SLO (Service Level Objective)

An internal target for service reliability, typically more ambitious than the external SLA.

An SLO, or Service Level Objective, is an internal reliability target that a team sets for their service. SLOs are typically stricter than SLAs — if your SLA promises 99.9% uptime, your SLO might target 99.95% to provide a safety buffer.

SLOs are the cornerstone of Site Reliability Engineering (SRE) practice. They provide a framework for making trade-off decisions: when the service is well within its SLO, teams can ship features faster; when the error budget is nearly exhausted, teams should prioritize reliability work.

A well-defined SLO includes the SLI (what you measure), the target (the threshold), and the measurement window (typically 30 days rolling). For example: "99.95% of HTTP requests return a successful response within 500ms over a 30-day rolling window." Monitoring tools like Hyperping provide the SLI data needed to track SLO compliance.
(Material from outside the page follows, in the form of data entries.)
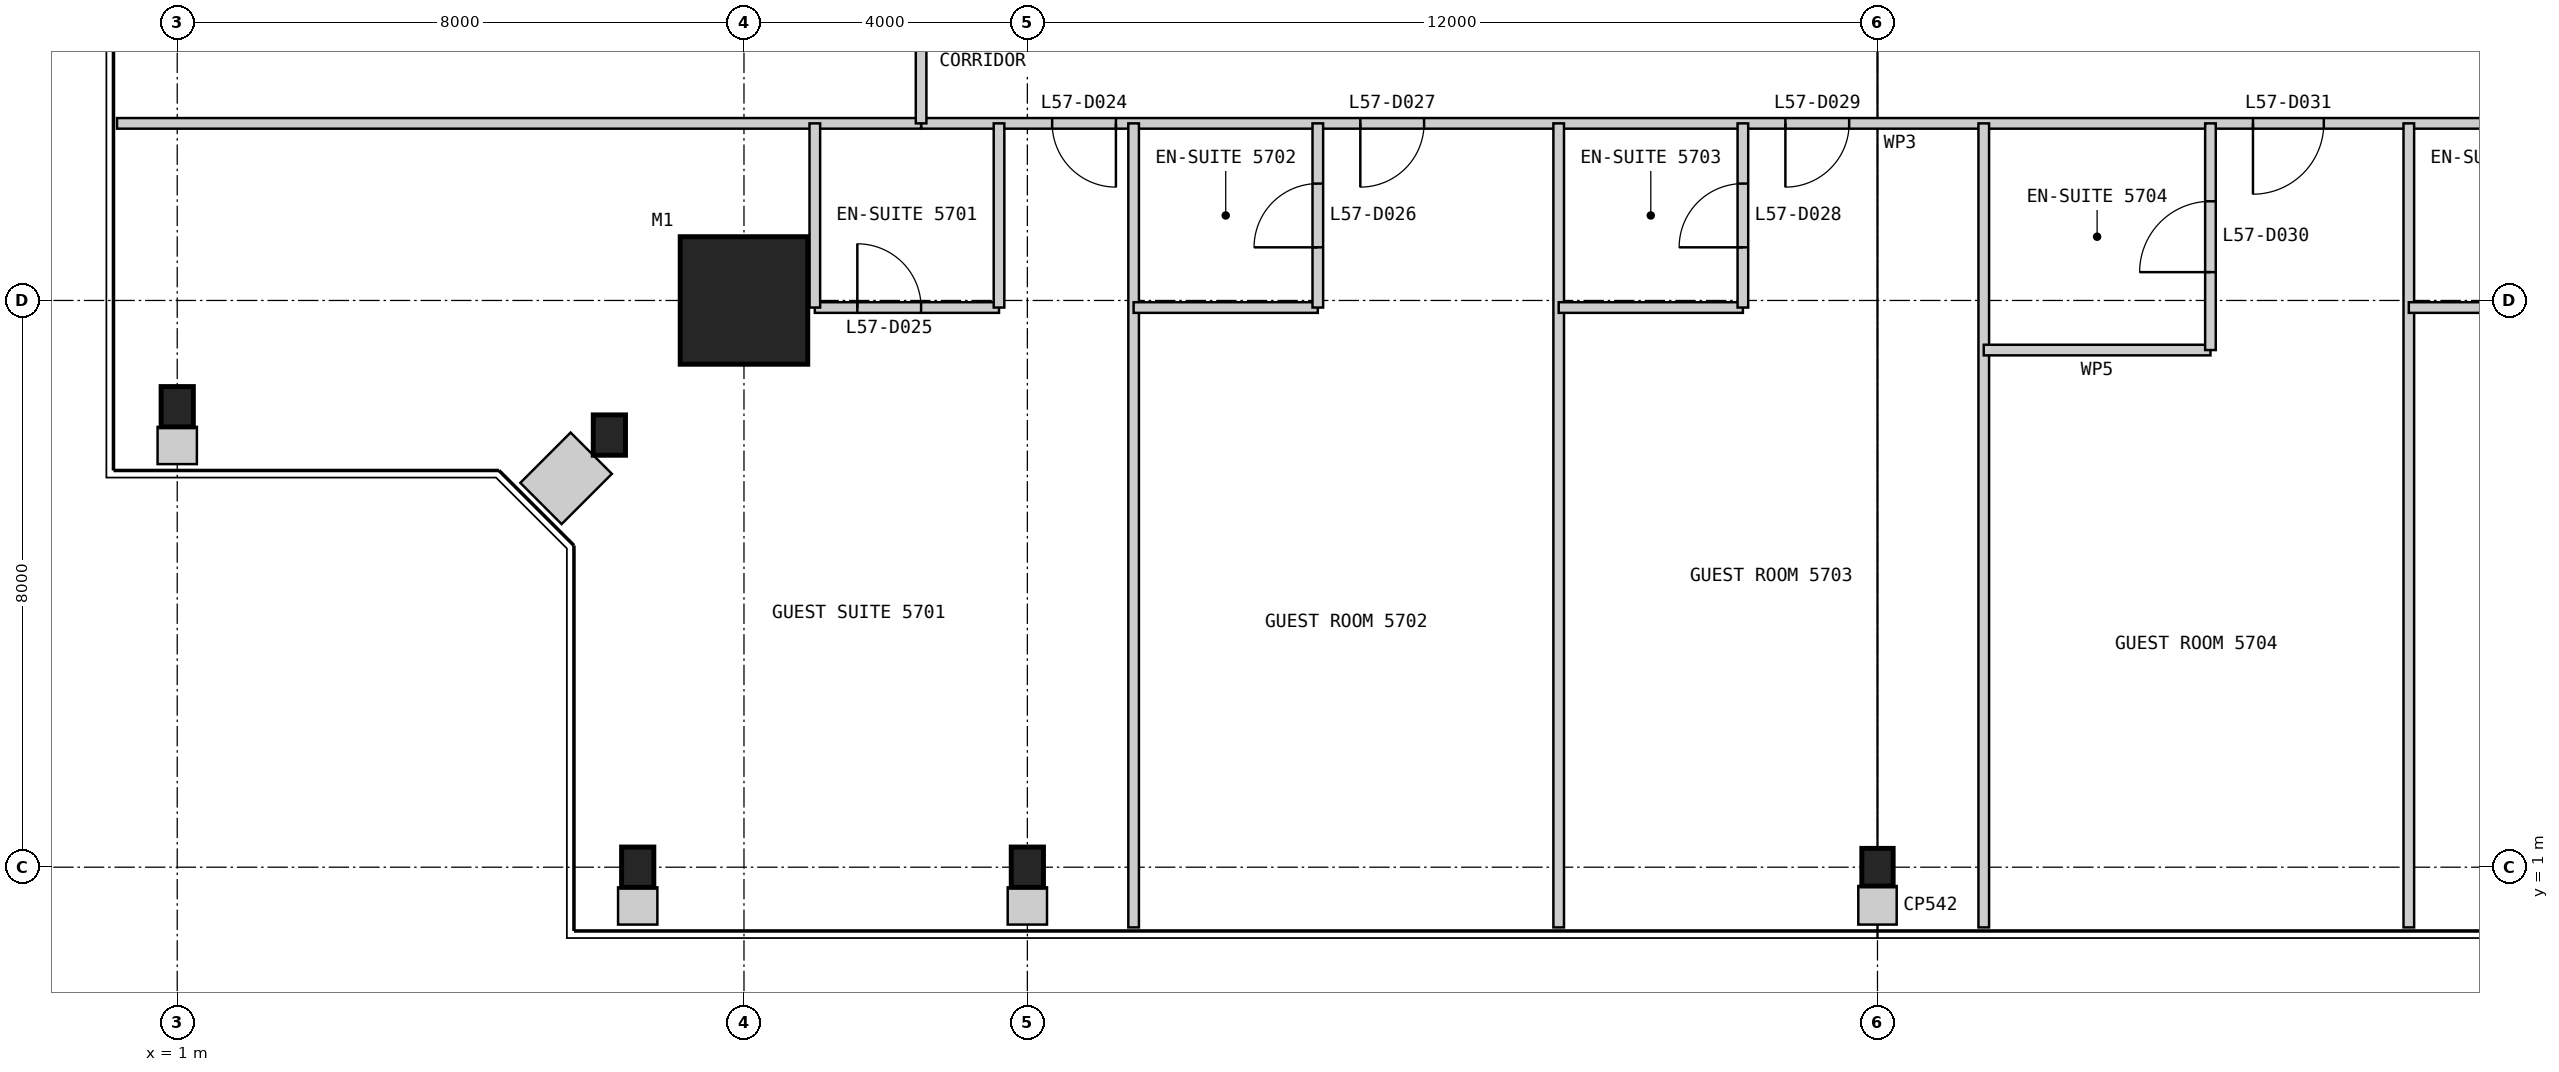
"""IFC4 building model, lengths in metres.
Left out: names, types, materials, properties, quantities, classifications, styles, units other than length and angle.
Written with IfcOpenShell. Run it as: python <this file> out.ifc"""

import sys

from ifc_helpers import new_model, si_unit, direction, frame, frame_2d, origin, origin_2d, place, context, subcontext, project, spatial, rectangle, i_section, extrude, element, fill, save


model = new_model("IFC4")
c1 = context("Model", 3, precision=1e-05, world=origin(), true_north=direction((0.0, 1.0)))
c2 = subcontext(c1, "Body", "Model", "MODEL_VIEW")
j1 = project(units=[si_unit("LENGTHUNIT", "METRE"), si_unit("PLANEANGLEUNIT", "RADIAN")], contexts=[c1])
p1 = place(None, origin())
s1 = spatial("IfcSite", under=j1, at=p1, CompositionType="ELEMENT")
p2 = place(p1, origin())
s2 = spatial("IfcBuilding", under=s1, at=p2, CompositionType="ELEMENT")
p3 = place(p2, frame((0.0, 0.0, 245.8)))
s3 = spatial("IfcBuildingStorey", under=s2, at=p3, CompositionType="ELEMENT", Elevation=245.8)
p4 = place(p3, frame((9.0, 9.0, 0.0), z_axis=(0.0, 0.0, 1.0), x_axis=(1.0, 0.0, 0.0)))
e1 = element("IfcColumn", 1, at=p4, inside=s3, PredefinedType="COLUMN", context=c2, shape_type="SweptSolid", body=[
    extrude(rectangle(XDim=1.8, YDim=1.8, at=origin_2d()), origin(), (0.0, 0.0, 1.0), 3.4),
])
for number, where, z_axis, x_axis in (
    (2, (7.5, 1.0, 0.0), (0.0, 0.0, 1.0), (1.0, 0.0, 0.0)),
    (3, (13.0, 1.0, 0.0), (0.0, 0.0, 1.0), (1.0, 0.0, 0.0)),
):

Hyperping monitoring dashboard

Related Terms

SLA (Service Level Agreement)
A formal contract defining the expected level of service, including uptime guarantees, between a pro...
SLI (Service Level Indicator)
A quantitative measure of a specific aspect of service reliability, such as availability, latency, o...
Error Budget
The maximum amount of unreliability a service can have within a given period, derived from the SLO.
SRE (Site Reliability Engineering)
A discipline that applies software engineering practices to infrastructure and operations to build s...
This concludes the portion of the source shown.